Artifact Repository - Pushing and Pulling libmxnet

The artifact repository is an S3 bucket accessible only to restricted Jenkins nodes. It is used to store compiled MXNet artifacts that can be used by downstream CD pipelines to package the compiled libraries for different delivery channels (e.g. DockerHub, PyPI, Maven, etc.). The S3 object keys for the files being posted will be prefixed with the following distinguishing characteristics of the binary: branch, commit id, operating system, variant and dependency linking strategy (static or dynamic). For instance, s3://bucket/73b29fa90d3eac0b1fae403b7583fdd1529942dc/ubuntu16.04/cu102mkl/static/libmxnet.so

An MXNet artifact is defined as the following set of files:

  • The compiled libmxnet.so
  • License files for dependencies that required their licenses to be shipped with the binary
  • Dependencies that should be shipped together with the binary. For instance, for packaging the python wheel files, some dependencies that cannot be statically linked to the library need to also be included, see here (https://github.com/apache/mxnet/blob/master/tools/pip/setup.py#L142).

The artifact_repository.py script automates the upload and download of the specified files with the appropriate S3 object keys by taking explicitly set, or automatically derived, values for the different characteristics of the artifact.

Determining Artifact Characteristics

An mxnet compiled library, or artifact for our purposes, is identified by the following distinguishing characteristics, which when not explicitly stated, will be (as much as possible) ascertained from the environment by the artifact_repository.py script: commit id, variant, operating system, and library type.

Commit Id

Manually configured through the --git-sha argument.

If not set, derived by:

  1. Using the values of the MXNET_SHA environment variable, which are set during the bootstrap process for CD Jenkins pipelines; otherwise
  2. Using the values of the GIT_COMMIT environment variable, which are set automatically by Jenkins in the CI pipelines; otherwise
  3. Using the output of git rev-parse HEAD for the commit id; otherwise
  4. Fail with error

Operating System

Manually configured through the --os argument.

If not set, derived through the value of sys.platform (https://docs.python.org/3/library/sys.html#sys.platform). That is:

  • if, linux*, extract the ID and VERSION_ID from /etc/*release, and return a concatenated string of these values, eg. ubuntu16.04, centos7, etc.
  • otherwise, return the value given by sys.platform, eg. win32, darwin, etc.

Variant

Manually configured through the --variant argument. The current variants are: cpu, native, cu101, cu102, cu110, cu112.

As long as the tool is being run from the MXNet code base, the runtime feature detection tool (https://github.com/larroy/mxnet/blob/dd432b7f241c9da2c96bcb877c2dc84e6a1f74d4/docs/api/python/libinfo/libinfo.md) can be used to detect whether the library has been compiled with oneDNN (library has oneDNN feature enabled) and/or CUDA support (compiled with CUDA feature enabled).

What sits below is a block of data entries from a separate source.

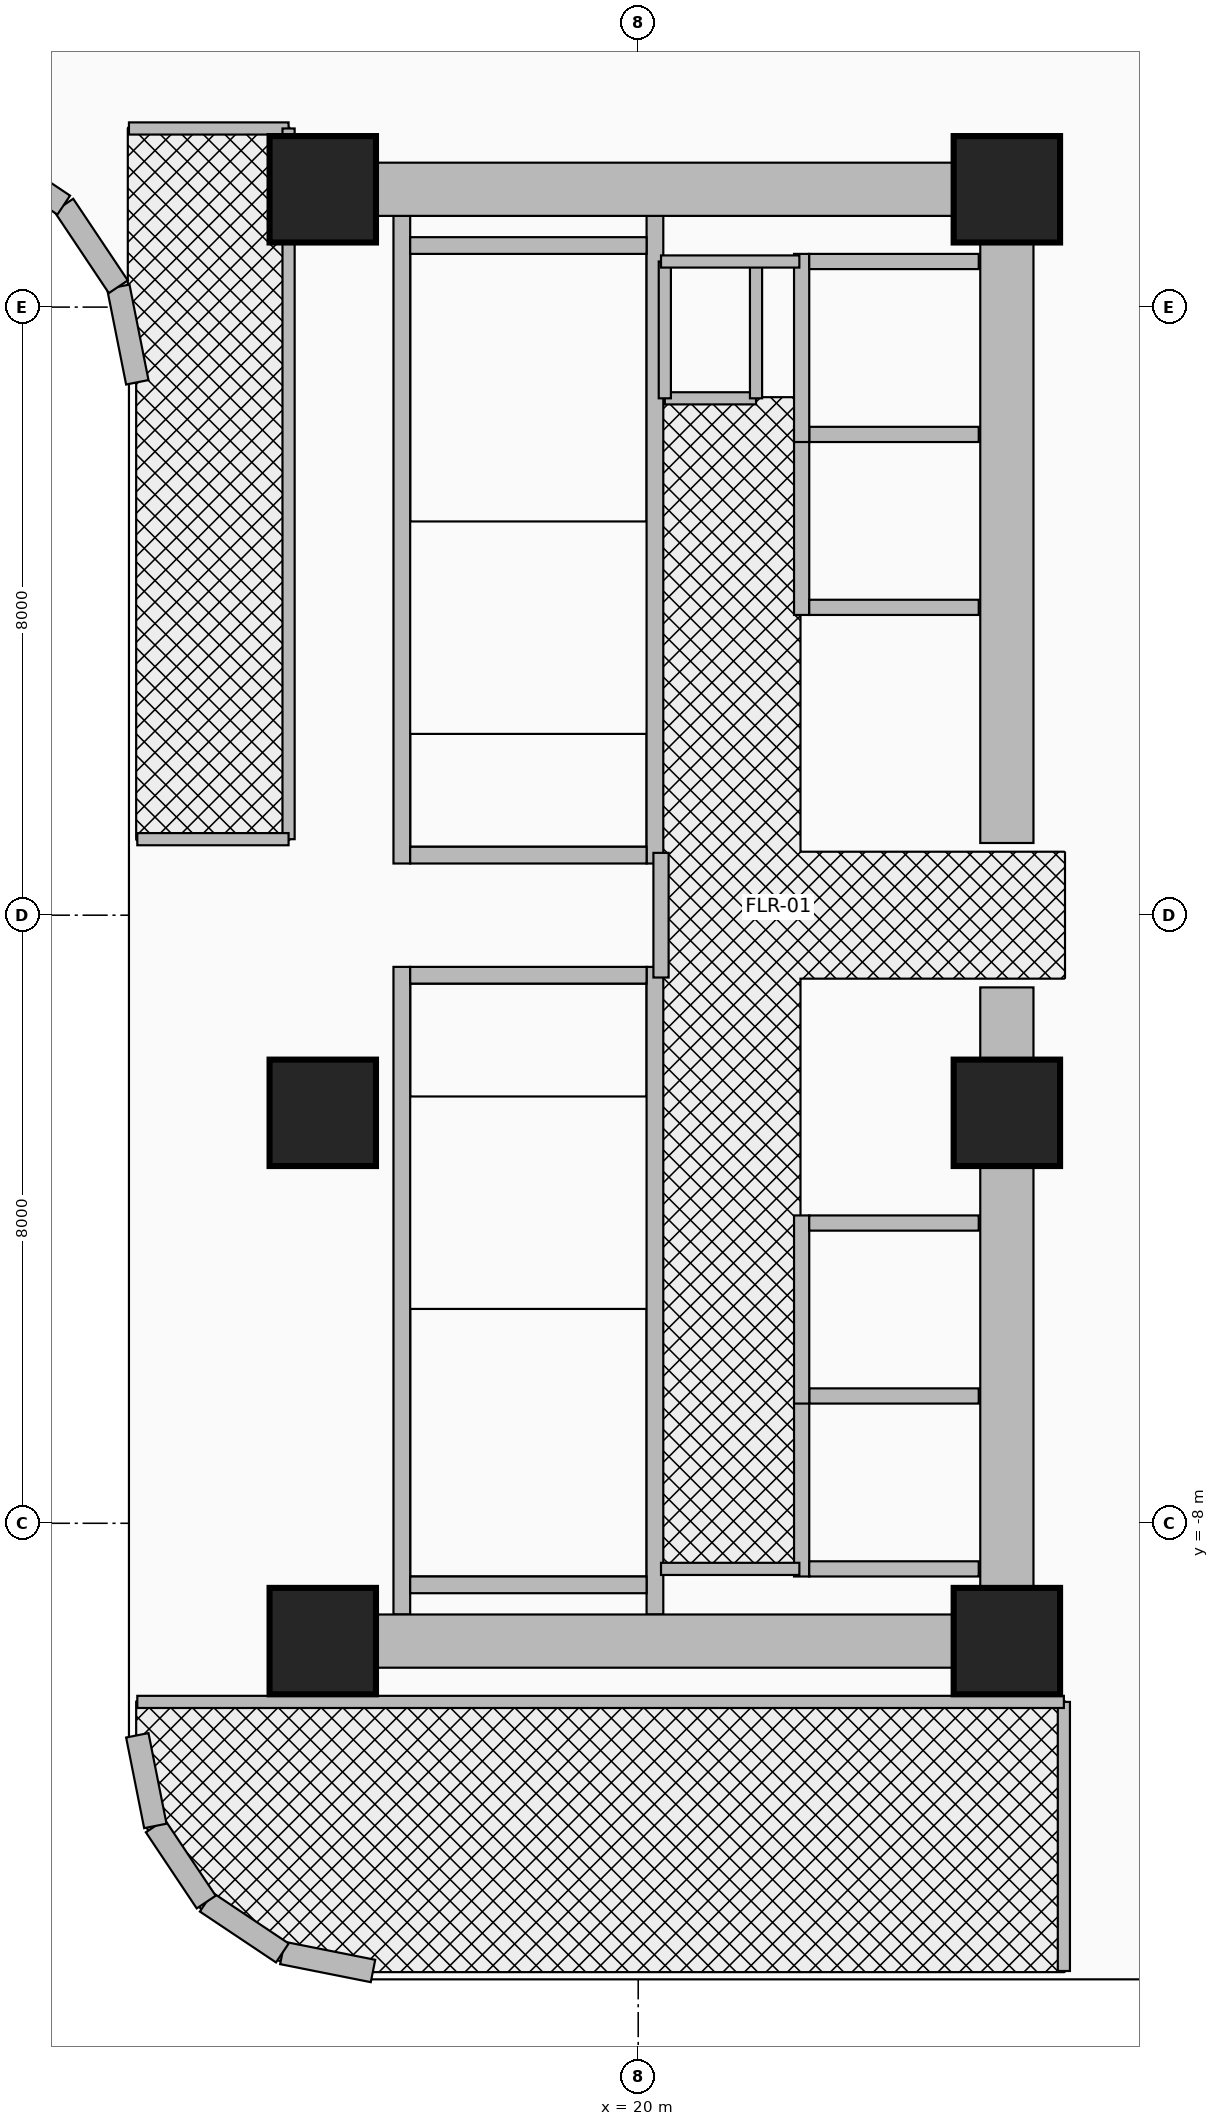
"""IFC4 building model, lengths in metres.
Left out: names, types, materials, properties, quantities, classifications, styles, units other than length and angle.
Written with IfcOpenShell. Run it as: python <this file> out.ifc"""

import sys

from ifc_helpers import new_model, si_unit, direction, frame, frame_2d, origin, origin_2d, place, context, subcontext, project, spatial, rectangle, extrude, source, transform, mapped, element, fill, save


model = new_model("IFC4")
c1 = context("Model", 3, precision=1e-05, world=origin(), true_north=direction((0.0, 1.0)))
c2 = subcontext(c1, "Body", "Model", "MODEL_VIEW")
j1 = project(units=[si_unit("LENGTHUNIT", "METRE"), si_unit("PLANEANGLEUNIT", "RADIAN")], contexts=[c1])
p1 = place(None, origin())
s1 = spatial("IfcSite", under=j1, at=p1, CompositionType="ELEMENT")
p2 = place(p1, origin())
s2 = spatial("IfcBuilding", under=s1, at=p2, CompositionType="ELEMENT")
p3 = place(p2, frame((0.0, 0.0, 48.2)))
s3 = spatial("IfcBuildingStorey", under=s2, at=p3, CompositionType="ELEMENT", Elevation=48.2)
for number, where, z_axis, x_axis in (
    (1, (16.89, 0.68, 0.0), (0.0, 0.0, 1.0), (0.0, 1.0, 0.0)),
    (2, (20.22, 0.68, 0.0), (0.0, 0.0, 1.0), (0.0, 1.0, 0.0)),
):
    element("IfcWall", number, at=place(p3, frame(where, z_axis=z_axis, x_axis=x_axis)), inside=s3, PredefinedType="SHEAR", context=c2, shape_type="SweptSolid", body=[
        extrude(rectangle(XDim=8.52, YDim=0.22, at=frame_2d((4.26, 0.0))), origin(), (0.0, 0.0, 1.0), 3.46),
    ])
p4 = place(p3, frame((17.0, 0.79, 0.0), z_axis=(0.0, 0.0, 1.0), x_axis=(1.0, 0.0, 0.0)))
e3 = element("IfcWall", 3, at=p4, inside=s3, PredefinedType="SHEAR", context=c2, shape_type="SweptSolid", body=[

If it has been compiled with CUDA support, the output of /usr/local/cuda/bin/nvcc --version can be mined for the exact CUDA version (eg. 8.0, 9.0, etc.).

By knowing which features are enabled on the binary, and if necessary, which CUDA version is installed on the machine, the value for the variant argument can be calculated. Eg. if CUDA features are enabled, and nvcc reports cuda version 10.2, then the variant would be cu102. If neither oneDNN nor CUDA features are enabled, the variant would be native.

Dependency Linking

The library dependencies can be either statically or dynamically linked. This property will need to be manually set by user through either the --static or --dynamic arguments. There is no foolproof and programmatic way (that I could find) that can easily discern whether the library dependencies are statically or dynamically linked.

Uploading an Artifact

The user must specify the path to the libmxnet.so, any license files, and any dependencies. The latter two are optional.

Example:

./artifact_repository.py --push --static --libmxnet /path/to/libmxnet.so --licenses path/to/license1.txt /path/to/other_licenses/*.txt --dependencies /path/to/dependencies/*.so

./artifact_repository.py --push --dynamic --libmxnet /path/to/libmxnet.so

NOTE: There is nothing stopping the user from uploading licenses and dependencies for dynamically linked libraries.

Downloading An Artifact

The user must specify the directory to which the artifact should be downloaded. The user will also need to specify the variant, since different variants can work with the host operating system.

Example:

./artifact_repository.py --pull --static --variant=cu102 ./dist

This would result in the following directory structure:

dist
  |-----> libmxnet.so
  |-----> libmxnet.meta
  |-----> licenses
             |-----> MKL_LICENSE.txt
             |-----> CUP_LICENSE.txt
             |-----> ...
  |-----> dependencies
             |-----> libxxx.so
             |-----> libyyy.so
             |-----> ...

The libmxnet.meta file will include the characteristics of the artifact (ie. library type, variant, git commit id, etc.) in a “property” file format.